Defasagem em matemática afeta até país rico, diz especialista

Luciano Máximo


Na visão de especialistas internacionais e educadores brasileiros reunidos em seminário no Rio de Janeiro, ontem, currículos pedagógicos fragmentados e despreparo de professores são os maiores problemas para o ensino da matemática no Brasil e no mundo. A defasagem no aprendizado da matéria verificada atualmente já é apontada como um obstáculo que respinga no desempenho da economia mundial.

O acadêmico americano William Schmidt, professor do Instituto de Pesquisa em Matemática e Educação Científica da Universidade de Michigan, chama atenção para o fato de que, a despeito do elevado índice de desemprego atual, "dezenas de milhares" de oportunidades de trabalho nos Estados Unidos não são preenchidas por falta de capacitação relacionada ao conhecimento matemático. "As demandas da economia hoje exigem alto conhecimento tecnológico. Nos EUA, por exemplo, não tem gente suficientemente qualificada para preencher vagas disponíveis no mercado de trabalho, tanto para oportunidades de nível superior como de nível médio", relatou Schmidt

O professor de psicologia cognitiva da Universidade de Virginia Daniel Willingham acrescenta que há uma grande corrente de economistas no mundo que relaciona o bom desempenho no ensino da matemática a um mercado de trabalho e a uma economia mais dinâmicos. "Países bem-sucedidos economicamente têm capacidade permanente de inovar, de avançar tecnologicamente. Se não é possível demonstrar concretamente que isso está relacionado com uma boa educação de matemática, posso afirmar que várias opções de carreira se fecham para o indivíduo que tem um baixo conhecimento da matéria", disse Willingham, ilustrando que a evasão universitária no mundo é maior nas áreas de exatas do que na de humanas.

Recente levantamento da Confederação Nacional da Indústria (CNI) aponta 50% de desistência nas graduações de engenharia do país nos primeiros dois anos de curso. "Isso ocorre porque o estudante sai mal preparado da educação básica e não consegue acompanhar o conteúdo do ensino superior", diz Anderson Stevens Gomes, secretário estadual de Educação de Pernambuco, presente ao seminário "O ensino de matemática nas séries iniciais", promovido pelo Instituto Alfa e Beto.
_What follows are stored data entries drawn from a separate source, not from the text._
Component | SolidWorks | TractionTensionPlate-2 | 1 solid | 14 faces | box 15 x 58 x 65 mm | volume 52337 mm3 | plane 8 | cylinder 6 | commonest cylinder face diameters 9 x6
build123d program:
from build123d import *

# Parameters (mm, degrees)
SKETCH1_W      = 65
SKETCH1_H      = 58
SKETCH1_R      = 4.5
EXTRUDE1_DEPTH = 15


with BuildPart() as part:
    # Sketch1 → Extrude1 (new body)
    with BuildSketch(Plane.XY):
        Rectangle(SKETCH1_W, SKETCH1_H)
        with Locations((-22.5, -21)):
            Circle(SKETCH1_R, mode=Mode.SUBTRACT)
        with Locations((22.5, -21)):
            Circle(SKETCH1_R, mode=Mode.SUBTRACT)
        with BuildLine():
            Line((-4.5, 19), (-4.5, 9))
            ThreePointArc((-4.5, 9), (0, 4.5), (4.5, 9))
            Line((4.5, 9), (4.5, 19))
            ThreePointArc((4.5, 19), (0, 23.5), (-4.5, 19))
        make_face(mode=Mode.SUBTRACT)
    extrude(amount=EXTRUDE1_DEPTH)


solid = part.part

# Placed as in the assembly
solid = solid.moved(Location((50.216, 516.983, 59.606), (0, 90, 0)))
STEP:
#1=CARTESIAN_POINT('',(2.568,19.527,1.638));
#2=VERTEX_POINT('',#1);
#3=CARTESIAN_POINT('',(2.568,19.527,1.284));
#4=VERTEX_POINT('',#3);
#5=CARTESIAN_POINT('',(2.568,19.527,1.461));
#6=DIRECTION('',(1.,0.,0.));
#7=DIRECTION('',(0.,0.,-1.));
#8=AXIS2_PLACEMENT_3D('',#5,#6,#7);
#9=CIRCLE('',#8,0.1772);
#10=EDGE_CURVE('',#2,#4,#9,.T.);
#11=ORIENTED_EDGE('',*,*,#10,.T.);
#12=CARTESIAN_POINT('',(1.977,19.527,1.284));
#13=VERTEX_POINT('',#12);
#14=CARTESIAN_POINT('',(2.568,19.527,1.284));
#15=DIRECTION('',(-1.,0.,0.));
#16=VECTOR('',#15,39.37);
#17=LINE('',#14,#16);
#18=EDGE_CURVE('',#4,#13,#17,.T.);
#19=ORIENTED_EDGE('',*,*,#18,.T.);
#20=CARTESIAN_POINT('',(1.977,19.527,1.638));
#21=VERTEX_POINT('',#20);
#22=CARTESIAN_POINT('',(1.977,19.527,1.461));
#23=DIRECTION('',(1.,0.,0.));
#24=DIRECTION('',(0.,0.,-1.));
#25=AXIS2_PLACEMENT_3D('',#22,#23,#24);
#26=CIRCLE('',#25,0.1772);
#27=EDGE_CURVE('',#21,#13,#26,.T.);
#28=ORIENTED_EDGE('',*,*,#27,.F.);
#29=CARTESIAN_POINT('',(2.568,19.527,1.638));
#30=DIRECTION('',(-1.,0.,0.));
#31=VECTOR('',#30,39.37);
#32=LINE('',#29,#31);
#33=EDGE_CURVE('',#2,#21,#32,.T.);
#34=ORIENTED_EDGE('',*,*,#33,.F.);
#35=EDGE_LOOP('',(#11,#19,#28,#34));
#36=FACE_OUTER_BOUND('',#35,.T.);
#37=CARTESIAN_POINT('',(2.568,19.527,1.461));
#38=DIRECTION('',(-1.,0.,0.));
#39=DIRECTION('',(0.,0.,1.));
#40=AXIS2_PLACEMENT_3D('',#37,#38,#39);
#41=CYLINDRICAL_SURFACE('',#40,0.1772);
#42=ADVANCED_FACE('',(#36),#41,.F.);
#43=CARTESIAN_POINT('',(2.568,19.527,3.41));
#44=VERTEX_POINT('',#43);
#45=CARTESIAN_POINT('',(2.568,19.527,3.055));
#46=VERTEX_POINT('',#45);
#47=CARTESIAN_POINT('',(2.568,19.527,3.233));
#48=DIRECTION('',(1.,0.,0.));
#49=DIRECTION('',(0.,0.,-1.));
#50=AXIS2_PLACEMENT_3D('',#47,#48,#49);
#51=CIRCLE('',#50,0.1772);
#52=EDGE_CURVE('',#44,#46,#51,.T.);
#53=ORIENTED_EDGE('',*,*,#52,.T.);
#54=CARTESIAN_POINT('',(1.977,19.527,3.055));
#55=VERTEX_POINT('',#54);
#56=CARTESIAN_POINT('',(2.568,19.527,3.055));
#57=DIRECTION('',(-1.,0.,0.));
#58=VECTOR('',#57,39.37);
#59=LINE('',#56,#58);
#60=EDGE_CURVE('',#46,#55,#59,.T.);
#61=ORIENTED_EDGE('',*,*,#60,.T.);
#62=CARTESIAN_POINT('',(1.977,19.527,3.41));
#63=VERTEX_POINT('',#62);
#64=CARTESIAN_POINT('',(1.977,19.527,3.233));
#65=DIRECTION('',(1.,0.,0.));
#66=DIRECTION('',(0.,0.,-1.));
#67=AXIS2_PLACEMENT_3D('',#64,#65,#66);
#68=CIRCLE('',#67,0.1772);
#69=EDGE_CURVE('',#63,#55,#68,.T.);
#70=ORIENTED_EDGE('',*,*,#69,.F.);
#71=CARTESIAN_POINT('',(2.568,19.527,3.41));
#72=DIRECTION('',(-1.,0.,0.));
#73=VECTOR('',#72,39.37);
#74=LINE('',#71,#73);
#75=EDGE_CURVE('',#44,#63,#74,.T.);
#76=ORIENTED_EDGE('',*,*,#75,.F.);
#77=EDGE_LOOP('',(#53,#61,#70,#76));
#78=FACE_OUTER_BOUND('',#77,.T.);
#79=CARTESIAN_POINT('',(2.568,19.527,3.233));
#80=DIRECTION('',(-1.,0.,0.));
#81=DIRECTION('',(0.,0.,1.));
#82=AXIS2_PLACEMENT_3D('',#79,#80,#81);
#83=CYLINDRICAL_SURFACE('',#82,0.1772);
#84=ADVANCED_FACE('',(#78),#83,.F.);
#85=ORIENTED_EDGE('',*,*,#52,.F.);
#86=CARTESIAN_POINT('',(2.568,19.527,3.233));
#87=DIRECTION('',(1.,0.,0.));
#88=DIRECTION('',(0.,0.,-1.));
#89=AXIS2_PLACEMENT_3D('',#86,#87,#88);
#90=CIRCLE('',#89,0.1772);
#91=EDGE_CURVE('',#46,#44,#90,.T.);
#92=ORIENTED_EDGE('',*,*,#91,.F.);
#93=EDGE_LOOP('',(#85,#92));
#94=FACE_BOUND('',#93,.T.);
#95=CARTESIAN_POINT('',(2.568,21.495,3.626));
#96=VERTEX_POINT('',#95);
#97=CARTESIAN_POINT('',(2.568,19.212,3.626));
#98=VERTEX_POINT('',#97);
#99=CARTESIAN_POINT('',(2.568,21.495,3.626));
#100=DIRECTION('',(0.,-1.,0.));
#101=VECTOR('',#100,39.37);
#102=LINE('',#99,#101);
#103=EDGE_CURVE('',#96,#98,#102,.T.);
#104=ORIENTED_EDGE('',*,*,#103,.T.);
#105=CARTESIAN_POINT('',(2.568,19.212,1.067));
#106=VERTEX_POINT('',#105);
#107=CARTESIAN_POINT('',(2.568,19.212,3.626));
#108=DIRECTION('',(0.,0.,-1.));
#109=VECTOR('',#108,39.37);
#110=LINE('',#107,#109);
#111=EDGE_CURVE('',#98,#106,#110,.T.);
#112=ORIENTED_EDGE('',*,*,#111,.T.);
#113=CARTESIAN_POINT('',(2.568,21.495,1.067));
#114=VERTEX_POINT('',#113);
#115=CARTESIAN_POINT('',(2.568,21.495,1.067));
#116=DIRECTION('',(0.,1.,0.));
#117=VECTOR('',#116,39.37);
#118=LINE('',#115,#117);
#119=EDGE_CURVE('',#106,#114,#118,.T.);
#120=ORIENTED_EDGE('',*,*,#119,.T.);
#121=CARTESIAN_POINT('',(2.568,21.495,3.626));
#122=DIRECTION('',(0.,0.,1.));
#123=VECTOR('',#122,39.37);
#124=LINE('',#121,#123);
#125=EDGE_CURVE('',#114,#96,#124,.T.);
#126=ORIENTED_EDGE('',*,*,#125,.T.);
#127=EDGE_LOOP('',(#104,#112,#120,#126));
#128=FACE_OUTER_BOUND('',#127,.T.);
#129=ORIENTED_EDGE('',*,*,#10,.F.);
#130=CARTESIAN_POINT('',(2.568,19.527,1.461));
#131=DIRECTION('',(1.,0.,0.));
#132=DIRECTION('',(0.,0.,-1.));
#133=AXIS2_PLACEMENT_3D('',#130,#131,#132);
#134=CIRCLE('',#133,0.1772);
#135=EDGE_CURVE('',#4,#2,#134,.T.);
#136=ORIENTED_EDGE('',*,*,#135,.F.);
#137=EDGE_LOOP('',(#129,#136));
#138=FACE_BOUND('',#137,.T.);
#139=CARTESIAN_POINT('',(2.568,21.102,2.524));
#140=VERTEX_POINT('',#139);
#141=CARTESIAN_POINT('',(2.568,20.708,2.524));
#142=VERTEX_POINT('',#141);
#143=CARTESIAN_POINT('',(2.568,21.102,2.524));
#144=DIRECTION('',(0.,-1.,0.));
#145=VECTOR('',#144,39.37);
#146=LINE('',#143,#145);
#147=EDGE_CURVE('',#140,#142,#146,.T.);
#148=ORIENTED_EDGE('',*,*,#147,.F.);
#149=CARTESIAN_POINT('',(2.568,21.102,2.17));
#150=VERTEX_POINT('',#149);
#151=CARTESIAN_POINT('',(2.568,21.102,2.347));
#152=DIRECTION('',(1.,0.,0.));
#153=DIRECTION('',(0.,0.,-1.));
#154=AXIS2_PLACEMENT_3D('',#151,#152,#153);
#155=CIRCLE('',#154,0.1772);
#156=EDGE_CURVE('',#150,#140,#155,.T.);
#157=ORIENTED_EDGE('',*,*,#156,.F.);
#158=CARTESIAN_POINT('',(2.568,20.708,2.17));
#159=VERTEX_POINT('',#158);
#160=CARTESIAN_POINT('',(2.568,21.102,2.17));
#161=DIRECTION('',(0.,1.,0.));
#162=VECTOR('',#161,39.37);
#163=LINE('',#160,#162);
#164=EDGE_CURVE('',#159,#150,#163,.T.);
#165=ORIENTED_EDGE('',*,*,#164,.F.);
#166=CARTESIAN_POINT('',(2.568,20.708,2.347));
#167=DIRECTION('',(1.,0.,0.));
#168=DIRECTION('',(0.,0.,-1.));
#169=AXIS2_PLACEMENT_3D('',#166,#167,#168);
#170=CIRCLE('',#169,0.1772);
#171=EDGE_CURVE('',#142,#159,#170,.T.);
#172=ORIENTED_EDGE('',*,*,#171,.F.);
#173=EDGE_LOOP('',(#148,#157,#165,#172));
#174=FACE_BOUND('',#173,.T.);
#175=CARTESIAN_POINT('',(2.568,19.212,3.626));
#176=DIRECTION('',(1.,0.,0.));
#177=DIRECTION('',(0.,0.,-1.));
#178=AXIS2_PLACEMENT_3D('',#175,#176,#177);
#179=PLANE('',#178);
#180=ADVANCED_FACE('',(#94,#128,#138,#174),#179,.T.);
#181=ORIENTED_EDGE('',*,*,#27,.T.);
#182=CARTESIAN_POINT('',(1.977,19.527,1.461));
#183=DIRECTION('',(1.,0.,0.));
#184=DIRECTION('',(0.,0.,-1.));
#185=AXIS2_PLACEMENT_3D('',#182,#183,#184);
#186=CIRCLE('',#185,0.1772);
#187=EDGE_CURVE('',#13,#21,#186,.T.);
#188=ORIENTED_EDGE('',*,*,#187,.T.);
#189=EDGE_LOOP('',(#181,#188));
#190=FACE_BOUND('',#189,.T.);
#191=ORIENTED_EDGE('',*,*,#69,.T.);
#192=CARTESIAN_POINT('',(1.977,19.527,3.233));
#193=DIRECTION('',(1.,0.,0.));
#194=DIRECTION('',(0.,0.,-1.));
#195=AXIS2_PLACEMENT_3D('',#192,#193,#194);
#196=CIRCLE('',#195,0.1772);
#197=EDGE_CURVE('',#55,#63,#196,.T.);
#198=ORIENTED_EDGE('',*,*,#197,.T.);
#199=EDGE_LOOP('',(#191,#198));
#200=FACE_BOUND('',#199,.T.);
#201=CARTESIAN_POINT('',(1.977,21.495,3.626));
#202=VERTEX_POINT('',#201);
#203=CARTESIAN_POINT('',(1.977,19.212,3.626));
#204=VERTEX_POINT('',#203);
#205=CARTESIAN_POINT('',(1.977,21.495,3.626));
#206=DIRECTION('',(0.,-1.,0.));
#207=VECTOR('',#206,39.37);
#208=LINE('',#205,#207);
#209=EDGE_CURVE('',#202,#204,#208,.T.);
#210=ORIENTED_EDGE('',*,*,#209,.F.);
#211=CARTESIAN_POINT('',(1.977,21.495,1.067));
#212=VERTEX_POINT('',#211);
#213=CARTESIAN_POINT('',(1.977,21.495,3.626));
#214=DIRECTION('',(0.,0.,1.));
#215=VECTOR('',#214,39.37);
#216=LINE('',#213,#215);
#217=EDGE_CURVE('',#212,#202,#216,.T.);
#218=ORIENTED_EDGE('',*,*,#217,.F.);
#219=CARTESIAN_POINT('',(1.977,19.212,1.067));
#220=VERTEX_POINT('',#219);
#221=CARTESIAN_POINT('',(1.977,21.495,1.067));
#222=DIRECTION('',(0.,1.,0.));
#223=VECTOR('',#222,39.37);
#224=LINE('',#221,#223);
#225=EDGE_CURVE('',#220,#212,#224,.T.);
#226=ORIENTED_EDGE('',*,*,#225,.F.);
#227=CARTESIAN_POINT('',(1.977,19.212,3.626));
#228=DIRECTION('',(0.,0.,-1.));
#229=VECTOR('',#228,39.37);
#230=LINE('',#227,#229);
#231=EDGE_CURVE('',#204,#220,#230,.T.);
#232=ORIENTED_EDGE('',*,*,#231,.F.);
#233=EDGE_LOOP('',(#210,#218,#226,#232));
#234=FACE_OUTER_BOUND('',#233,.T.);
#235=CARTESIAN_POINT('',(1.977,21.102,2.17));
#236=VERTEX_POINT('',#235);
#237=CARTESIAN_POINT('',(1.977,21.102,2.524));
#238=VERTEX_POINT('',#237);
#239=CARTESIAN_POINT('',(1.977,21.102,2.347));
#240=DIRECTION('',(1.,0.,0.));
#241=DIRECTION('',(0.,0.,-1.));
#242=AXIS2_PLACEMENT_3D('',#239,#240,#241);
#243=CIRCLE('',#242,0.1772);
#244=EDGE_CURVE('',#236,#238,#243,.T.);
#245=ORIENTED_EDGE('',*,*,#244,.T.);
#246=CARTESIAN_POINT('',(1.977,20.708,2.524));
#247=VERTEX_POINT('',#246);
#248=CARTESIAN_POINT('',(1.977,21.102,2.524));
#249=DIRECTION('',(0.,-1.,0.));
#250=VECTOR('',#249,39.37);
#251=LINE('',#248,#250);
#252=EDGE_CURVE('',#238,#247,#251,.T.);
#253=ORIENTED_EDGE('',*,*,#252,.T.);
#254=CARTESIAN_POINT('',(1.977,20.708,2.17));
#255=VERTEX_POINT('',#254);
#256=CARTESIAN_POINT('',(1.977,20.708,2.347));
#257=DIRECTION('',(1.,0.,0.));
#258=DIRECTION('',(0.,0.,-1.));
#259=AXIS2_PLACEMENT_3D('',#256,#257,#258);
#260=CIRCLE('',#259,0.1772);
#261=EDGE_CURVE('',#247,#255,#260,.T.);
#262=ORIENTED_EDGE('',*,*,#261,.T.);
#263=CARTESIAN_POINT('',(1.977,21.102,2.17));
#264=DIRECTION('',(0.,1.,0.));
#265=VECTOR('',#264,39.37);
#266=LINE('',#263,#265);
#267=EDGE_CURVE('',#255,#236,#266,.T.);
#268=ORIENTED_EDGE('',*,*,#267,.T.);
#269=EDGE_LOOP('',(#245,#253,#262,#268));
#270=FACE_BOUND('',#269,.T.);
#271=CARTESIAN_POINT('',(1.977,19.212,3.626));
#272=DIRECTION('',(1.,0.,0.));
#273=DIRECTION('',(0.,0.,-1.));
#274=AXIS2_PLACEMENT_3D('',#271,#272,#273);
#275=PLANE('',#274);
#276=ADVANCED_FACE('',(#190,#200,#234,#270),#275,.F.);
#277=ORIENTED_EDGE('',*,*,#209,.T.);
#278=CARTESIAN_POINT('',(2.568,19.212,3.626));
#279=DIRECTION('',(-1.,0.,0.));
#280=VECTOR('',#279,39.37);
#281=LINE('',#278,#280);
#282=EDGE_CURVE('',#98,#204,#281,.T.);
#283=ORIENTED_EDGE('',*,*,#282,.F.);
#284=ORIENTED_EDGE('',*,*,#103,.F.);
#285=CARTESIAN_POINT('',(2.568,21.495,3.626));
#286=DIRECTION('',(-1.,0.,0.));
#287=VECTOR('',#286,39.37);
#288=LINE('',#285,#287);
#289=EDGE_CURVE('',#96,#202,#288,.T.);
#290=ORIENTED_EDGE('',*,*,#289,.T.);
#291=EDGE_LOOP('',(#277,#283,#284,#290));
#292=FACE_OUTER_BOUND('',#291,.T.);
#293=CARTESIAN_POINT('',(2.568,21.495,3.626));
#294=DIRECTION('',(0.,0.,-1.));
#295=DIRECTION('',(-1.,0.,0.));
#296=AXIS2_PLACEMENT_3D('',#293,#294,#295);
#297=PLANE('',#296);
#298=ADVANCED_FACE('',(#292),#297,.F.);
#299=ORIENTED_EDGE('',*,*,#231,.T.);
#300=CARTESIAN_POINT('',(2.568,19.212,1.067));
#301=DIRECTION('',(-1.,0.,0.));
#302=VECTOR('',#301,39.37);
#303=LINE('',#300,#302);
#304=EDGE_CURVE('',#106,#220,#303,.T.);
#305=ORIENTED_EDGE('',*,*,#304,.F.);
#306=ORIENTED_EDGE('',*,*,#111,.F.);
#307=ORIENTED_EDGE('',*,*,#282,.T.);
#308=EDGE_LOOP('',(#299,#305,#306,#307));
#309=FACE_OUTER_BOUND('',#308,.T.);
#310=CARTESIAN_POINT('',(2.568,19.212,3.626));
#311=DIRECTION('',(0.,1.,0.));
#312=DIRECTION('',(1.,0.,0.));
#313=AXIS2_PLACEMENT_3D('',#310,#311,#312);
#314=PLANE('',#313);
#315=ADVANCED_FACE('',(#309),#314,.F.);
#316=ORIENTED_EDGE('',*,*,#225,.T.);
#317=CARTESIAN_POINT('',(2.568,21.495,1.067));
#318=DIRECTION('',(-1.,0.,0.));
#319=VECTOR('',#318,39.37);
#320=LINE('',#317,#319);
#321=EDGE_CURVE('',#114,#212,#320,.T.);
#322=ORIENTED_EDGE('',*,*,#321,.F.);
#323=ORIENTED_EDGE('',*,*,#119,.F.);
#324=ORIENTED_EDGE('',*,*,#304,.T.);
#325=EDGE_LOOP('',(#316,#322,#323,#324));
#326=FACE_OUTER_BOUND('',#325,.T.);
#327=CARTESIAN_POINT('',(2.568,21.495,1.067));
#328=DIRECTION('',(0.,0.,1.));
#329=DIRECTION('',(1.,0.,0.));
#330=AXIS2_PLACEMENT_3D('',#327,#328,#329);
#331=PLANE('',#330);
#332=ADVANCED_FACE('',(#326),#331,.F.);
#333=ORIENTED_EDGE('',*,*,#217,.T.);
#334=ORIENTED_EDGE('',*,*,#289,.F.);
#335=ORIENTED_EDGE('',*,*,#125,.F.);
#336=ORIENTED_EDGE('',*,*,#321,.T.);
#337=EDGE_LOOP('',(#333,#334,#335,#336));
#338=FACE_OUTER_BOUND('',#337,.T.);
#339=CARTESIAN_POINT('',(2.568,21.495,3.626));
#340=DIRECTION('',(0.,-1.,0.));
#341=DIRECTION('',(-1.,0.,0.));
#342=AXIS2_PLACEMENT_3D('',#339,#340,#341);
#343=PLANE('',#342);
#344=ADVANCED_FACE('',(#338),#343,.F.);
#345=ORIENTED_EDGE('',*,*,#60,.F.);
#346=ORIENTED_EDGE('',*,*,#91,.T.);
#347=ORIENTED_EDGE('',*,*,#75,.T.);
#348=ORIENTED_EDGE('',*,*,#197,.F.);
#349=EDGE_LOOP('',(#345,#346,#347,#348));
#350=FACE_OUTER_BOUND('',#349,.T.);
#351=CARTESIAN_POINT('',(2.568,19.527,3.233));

Em pesquisa sobre o conteúdo dos currículos de matemática envolvendo 50 países - o Brasil não está na lista -, Schmidt verificou que o desempenho na matéria das crianças de ensino fundamental nos cinco melhores e nos cinco piores países não segue uma linha homogênea. "Um país no top 5 pode ter uma ótima performance em geometria, mas uma nota mais baixa em fração. É aí que identificamos problemas curriculares, seja de hierarquia de conteúdo ou de intensidade do que é passado aos alunos ao longo de toda a educação básica. Nos EUA há um aprofundamento em álgebra, mas a aritmética é vista de forma superficial", comentou o acadêmico de Michigan, que defende um currículo matemático mais enxuto e consistente. "Hong Kong tem 79 tópicos de matemática abordados em seu currículo; os EUA, 186." Schmidt questiona também a falta de preparo dos professores para lecionar a disciplina. "Pelo menos dois terços dos professores americanos de matemática não são especialistas na matéria."

"A baixa qualificação dos professores é o que mais influencia os resultados ruins de matemática nas avaliações educacionais", disse João Batista Oliveira, presidente do Alfa e Beto. De acordo com levantamento da entidade, na última Prova Brasil (2009), teste de português e matemática para alunos da quinta e nona séries do fundamental, o desempenho dos estudantes do nono ano ficou estável em relação à edição de 2007, subindo de 241 pontos para 242 pontos. Na avaliação da quinta série o resultado variou de 189 para 199 pontos. "Mais ainda é um dado ruim se compararmos com outros países. No Pisa [avaliação educacional internacional], o Brasil ficou 51 pontos acima do último lugar e 419 pontos abaixo do líder, num ranking de 66 países", disse Oliveira.

Professores presentes ao evento reconheceram a deficiência e cobraram formação continuada para modificar a situação. "Na época do magistério muitas colegas enfrentavam dificuldades de conteúdo, não dominavam conhecimentos básicos de divisão com dois algarismos ou operações com números fracionários", disse Simone Figueiredo Cruz, professora da rede pública de Mato Grosso do Sul. Vera Lúcia Coelho, docente das redes municipal e estadual de Riachão, no interior do Maranhão, acha que "cursos de qualificação para quem não têm o diploma específico é algo essencial."